Thursday, February 21, 2019

Interior Dept. Approves First Phase of California Desert Renewable Plan

By Robert Mullin

U.S. Interior Secretary Sally Jewell on Wednesday approved the first phase of the Desert Renewable Energy Conservation Plan (DRECP), a framework for California’s development of renewable energy projects on 10.8 million acres managed by the Bureau of Land Management.

Jewell’s approval of the bureau’s land use plan amendment marks the conclusion of Phase 1 of the DRECP, which identifies priority areas for developing renewable resources on federal lands within California while setting aside acreage for conservation and recreational uses.

Phase 1 is the product of a collaboration among the California Energy Commission (CEC), the California Department of Fish and Wildlife, the U.S. Fish and Wildlife Service and BLM.

“This landscape-level plan will support streamlined renewable energy development in the right places while protecting sensitive ecosystems, preserving important cultural heritage and supporting outdoor recreation opportunities,” Jewell said.

The bureau’s land use plan “designates development focus areas with high-quality solar, wind and geothermal energy potential and access to transmission, sited in low-conflict areas,” the Interior Department said in a statement.  Developers in those areas will benefit from “a streamlined permitting process, predictable survey requirements and simplified mitigation measures.”

california desert renewable plan

Source: Tom Brewster Photography via U.S. Bureau of Land Management

The DRECP’s first phase is part of a broader California effort to open up a total of 22 million acres of public and private desert lands for renewable energy projects, an effort that could yield an additional 27 GW of additional renewable capacity, according to the CEC.
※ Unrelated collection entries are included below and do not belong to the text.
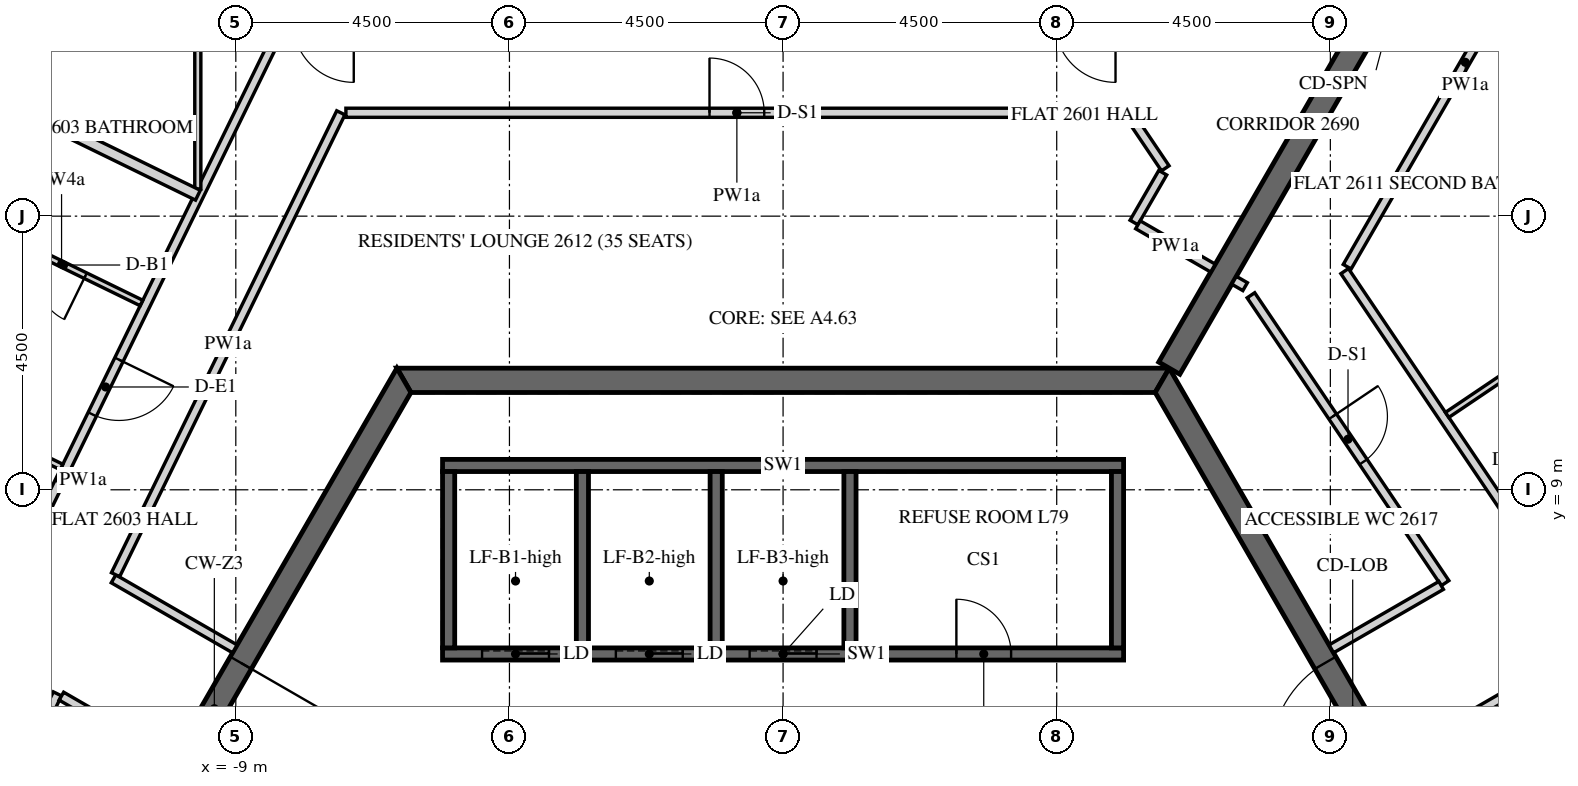
"""IFC4 building model, lengths in metres.
Left out: names, types, materials, properties, quantities, classifications, styles, units other than length and angle.
Written with IfcOpenShell. Run it as: python <this file> out.ifc"""

import sys

from ifc_helpers import new_model, si_unit, direction, frame, frame_2d, origin, place, context, subcontext, project, spatial, polyline, rectangle, outline, extrude, element, fill, save


model = new_model("IFC4")
c1 = context("Model", 3, precision=1e-05, world=origin(), true_north=direction((0.0, 1.0)))
c2 = subcontext(c1, "Body", "Model", "MODEL_VIEW")
j1 = project(units=[si_unit("LENGTHUNIT", "METRE"), si_unit("PLANEANGLEUNIT", "RADIAN")], contexts=[c1])
p1 = place(None, origin())
s1 = spatial("IfcSite", under=j1, at=p1, CompositionType="ELEMENT")
p2 = place(p1, origin())
s2 = spatial("IfcBuilding", under=s1, at=p2, CompositionType="ELEMENT")
p3 = place(p2, frame((0.0, 0.0, 326.4)))
s3 = spatial("IfcBuildingStorey", under=s2, at=p3, CompositionType="ELEMENT", Elevation=326.4)
p4 = place(p3, frame((-6.235, 10.8, -0.15), z_axis=(0.0, 0.0, 1.0), x_axis=(-0.499996419489, -0.866027470984, 0.0)))
e1 = element("IfcWall", 1, at=p4, inside=s3, PredefinedType="SHEAR", context=c2, shape_type="SweptSolid", body=[
    extrude(outline(polyline([(-0.115, -0.2), (12.586, -0.2), (12.355, 0.2), (0.115, 0.2), (-0.115, -0.2)])), origin(), (0.0, 0.0, 1.0), 3.9),
])
p5 = place(p4, frame((5.364, 0.0, 0.15)))
e2 = element("IfcOpeningElement", 2, at=p5, cuts=e1, PredefinedType="OPENING", context=c2, shape_type="SweptSolid", body=[
    extrude(rectangle(XDim=1.8, YDim=2.4, at=frame_2d((0.9, 1.2))), frame((0.0, 0.21, 0.0), z_axis=(0.0, -1.0, 0.0), x_axis=(1.0, 0.0, 0.0)), (0.0, 0.0, 1.0), 0.42),
])
p6 = place(p3, frame((12.471, 0.0, -0.15), z_axis=(0.0, 0.0, 1.0), x_axis=(-0.499996419489, 0.866027470984, 0.0)))
e3 = element("IfcWall", 3, at=p6, inside=s3, PredefinedType="SHEAR", context=c2, shape_type="SweptSolid", body=[
    extrude(outline(polyline([(-0.115, -0.2), (12.586, -0.2), (12.355, 0.2), (0.115, 0.2), (-0.115, -0.2)])), origin(), (0.0, 0.0, 1.0), 3.9),
])
p7 = place(p6, frame((5.306, 0.0, 0.15)))
e4 = element("IfcOpeningElement", 4, at=p7, cuts=e3, PredefinedType="OPENING", context=c2, shape_type="SweptSolid", body=[
    extrude(rectangle(XDim=1.8, YDim=2.4, at=frame_2d((0.9, 1.2))), frame((0.0, 0.21, 0.0), z_axis=(0.0, -1.0, 0.0), x_axis=(1.0, 0.0, 0.0)), (0.0, 0.0, 1.0), 0.42),
])
p8 = place(p3, frame((6.235, 10.8, -0.15), z_axis=(0.0, 0.0, 1.0), x_axis=(-1.0, 0.0, 0.0)))
e5 = element("IfcWall", 5, at=p8, inside=s3, PredefinedType="SHEAR", context=c2, shape_type="SweptSolid", body=[
    extrude(outline(polyline([(-0.115, -0.2), (12.586, -0.2), (12.355, 0.2), (0.115, 0.2), (-0.115, -0.2)])), origin(), (0.0, 0.0, 1.0), 3.9),
])
p9 = place(p3, frame((6.351, 11.0, -0.15), z_axis=(0.0, 0.0, 1.0), x_axis=(0.499998894578, 0.866026041999, 0.0)))
e6 = element("IfcWall", 6, at=p9, inside=s3, PredefinedType="SHEAR", context=c2, shape_type="SweptSolid", body=[
    extrude(rectangle(XDim=15.544, YDim=0.4, at=frame_2d((7.772, 0.0))), origin(), (0.0, 0.0, 1.0), 3.9),
])
p10 = place(p9, frame((6.872, 0.0, 0.15)))
e7 = element("IfcOpeningElement", 7, at=p10, cuts=e6, PredefinedType="OPENING", context=c2, shape_type="SweptSolid", body=[
    extrude(rectangle(XDim=1.8, YDim=2.4, at=frame_2d((0.9, 1.2))), frame((0.0, 0.21, 0.0), z_axis=(0.0, -1.0, 0.0), x_axis=(1.0, 0.0, 0.0)), (0.0, 0.0, 1.0), 0.42),
])
p11 = place(p3, frame((-5.6, 6.3, -0.25), z_axis=(0.0, 0.0, 1.0), x_axis=(1.0, 0.0, 0.0)))
e8 = element("IfcWall", 8, at=p11, inside=s3, PredefinedType="SHEAR", context=c2, shape_type="SweptSolid", body=[
    extrude(rectangle(XDim=11.2, YDim=0.2, at=frame_2d((5.6, 0.0))), origin(), (0.0, 0.0, 1.0), 3.9),
])
p12 = place(p11, frame((8.45, 0.0, 0.25)))
e9 = element("IfcOpeningElement", 9, at=p12, cuts=e8, PredefinedType="OPENING", context=c2, shape_type="SweptSolid", body=[
    extrude(rectangle(XDim=0.9, YDim=2.1, at=frame_2d((0.45, 1.05))), frame((0.0, 0.11, 0.0), z_axis=(0.0, -1.0, 0.0), x_axis=(1.0, 0.0, 0.0)), (0.0, 0.0, 1.0), 0.22),
])
p13 = place(p11, frame((0.65, 0.0, 0.25)))
e10 = element("IfcOpeningElement", 10, at=p13, cuts=e8, PredefinedType="OPENING", context=c2, shape_type="SweptSolid", body=[
    extrude(rectangle(XDim=1.1, YDim=2.1, at=frame_2d((0.55, 1.05))), frame((0.0, 0.11, 0.0), z_axis=(0.0, -1.0, 0.0), x_axis=(1.0, 0.0, 0.0)), (0.0, 0.0, 1.0), 0.22),
])
p14 = place(p11, frame((2.85, 0.0, 0.25)))
e11 = element("IfcOpeningElement", 11, at=p14, cuts=e8, PredefinedType="OPENING", context=c2, shape_type="SweptSolid", body=[
    extrude(rectangle(XDim=1.1, YDim=2.1, at=frame_2d((0.55, 1.05))), frame((0.0, 0.11, 0.0), z_axis=(0.0, -1.0, 0.0), x_axis=(1.0, 0.0, 0.0)), (0.0, 0.0, 1.0), 0.22),
])
p15 = place(p11, frame((5.05, 0.0, 0.25)))
e12 = element("IfcOpeningElement", 12, at=p15, cuts=e8, PredefinedType="OPENING", context=c2, shape_type="SweptSolid", body=[
    extrude(rectangle(XDim=1.1, YDim=2.1, at=frame_2d((0.55, 1.05))), frame((0.0, 0.11, 0.0), z_axis=(0.0, -1.0, 0.0), x_axis=(1.0, 0.0, 0.0)), (0.0, 0.0, 1.0), 0.22),
])
p16 = place(p3, frame((-5.6, 9.4, -0.25), z_axis=(0.0, 0.0, 1.0), x_axis=(1.0, 0.0, 0.0)))
e13 = element("IfcWall", 13, at=p16, inside=s3, PredefinedType="SHEAR", context=c2, shape_type="SweptSolid", body=[
    extrude(rectangle(XDim=11.2, YDim=0.2, at=frame_2d((5.6, 0.0))), origin(), (0.0, 0.0, 1.0), 3.9),
])
for number, where, z_axis, x_axis in (
    (14, (-5.5, 6.4, -0.25), (0.0, 0.0, 1.0), (0.0, 1.0, 0.0)),
    (15, (-3.3, 6.4, -0.25), (0.0, 0.0, 1.0), (0.0, 1.0, 0.0)),
    (16, (-1.1, 6.4, -0.25), (0.0, 0.0, 1.0), (0.0, 1.0, 0.0)),
    (17, (1.1, 6.4, -0.25), (0.0, 0.0, 1.0), (0.0, 1.0, 0.0)),
    (18, (5.5, 6.4, -0.25), (0.0, 0.0, 1.0), (0.0, 1.0, 0.0)),
):
    element("IfcWall", number, at=place(p3, frame(where, z_axis=z_axis, x_axis=x_axis)), inside=s3, PredefinedType="SHEAR", context=c2, shape_type="SweptSolid", body=[
        extrude(rectangle(XDim=2.9, YDim=0.2, at=frame_2d((1.45, 0.0))), origin(), (0.0, 0.0, 1.0), 3.9),
    ])
p17 = place(p3, frame((-8.247, 16.625, 0.0), z_axis=(0.0, 0.0, 1.0), x_axis=(-0.438376416131, -0.89879147625, 0.0)))
e19 = element("IfcWall", 19, at=p17, inside=s3, PredefinedType="PARTITIONING", context=c2, shape_type="SweptSolid", body=[
    extrude(rectangle(XDim=16.606, YDim=0.15, at=frame_2d((8.303, 0.0))), origin(), (0.0, 0.0, 1.0), 2.838),
])
p18 = place(p17, frame((6.103, 0.0, 0.0)))
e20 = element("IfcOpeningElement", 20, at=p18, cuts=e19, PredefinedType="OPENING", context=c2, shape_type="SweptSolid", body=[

Phase II of the plan focuses on aligning local, state and federal renewable energy development and conservation plans, and building on CEC grants already awarded to California counties to foster renewable development.

Use of desert lands is a vital component in California’s strategy to meet its greenhouse gas reduction goals and derive 50% of its electricity from renewable resources by 2030. Development in those areas will become especially important if the state’s load-serving entities cannot obtain sufficient output from out-of-state resources. (See California Policy Goals to Require Significant Transmission Upgrades.)

“Renewable energy is a key part of California’s approach to addressing climate change, and large-scale renewable energy projects in the California desert will play an essential role in California meeting climate and renewable energy goals,” CEC Commissioner Karen Douglas said. “The DRECP provides a clear pathway for projects on public lands while giving the state much greater certainty about where those projects could be located.”

The announcement was met with opposition from renewable energy groups, which say the DRECP fails to balance renewable growth with land preservation and “forecloses development” on millions of acres of federal lands in Southern California. The plan sets aside 388,000 acres for renewable development, much of which is not suitable for solar and wind projects, the groups say.

“No one is saying that utility-scale renewable energy should go everywhere, but done responsibly and with safeguards, it does have to go somewhere if we are to meet state, national and global carbon-reduction goals,” said Nancy Rader, executive director of CalWEA, which estimates the plan will create the potential for 1,000 MW of new wind resources.

“The Interior Department and BLM missed a golden opportunity to balance the preservation of parts of the California desert with clean, renewable energy development across some of America’s richest renewable resource areas,” said Tom Kimbis, acting president of the Solar Energy Industries Association.

Shannon Eddy, executive director of the Large-scale Solar Association, called the plan “a Model T in a Tesla world,” arguing that it fails to consider the “enormous” policy changes that will require renewable development on public land.

“Rather than fostering sustainable clean energy development as a part of a conservation plan, it severely restricts wind and solar,” Eddy said.

Environmentalists praised the plan, which sets aside nearly 2.9 million acres as new federal conservation land.

“This plan is a win for California,” said Doug Wheeler, former California secretary for natural resources. “Not only does it help the state meet renewable energy goals, it also protects some of California’s best places — lands that provide a recreational escape and protect important wildlife species.”

“The DRECP provides a responsible path for future development while permanently protecting the most important places as California desert conservation lands,” said Danielle Murray, senior director at the Conservation Lands Foundation. “We thank Secretary Sally Jewell and the Bureau of Land Management for this landmark plan and hope it serves as a model for public lands planning in the future.”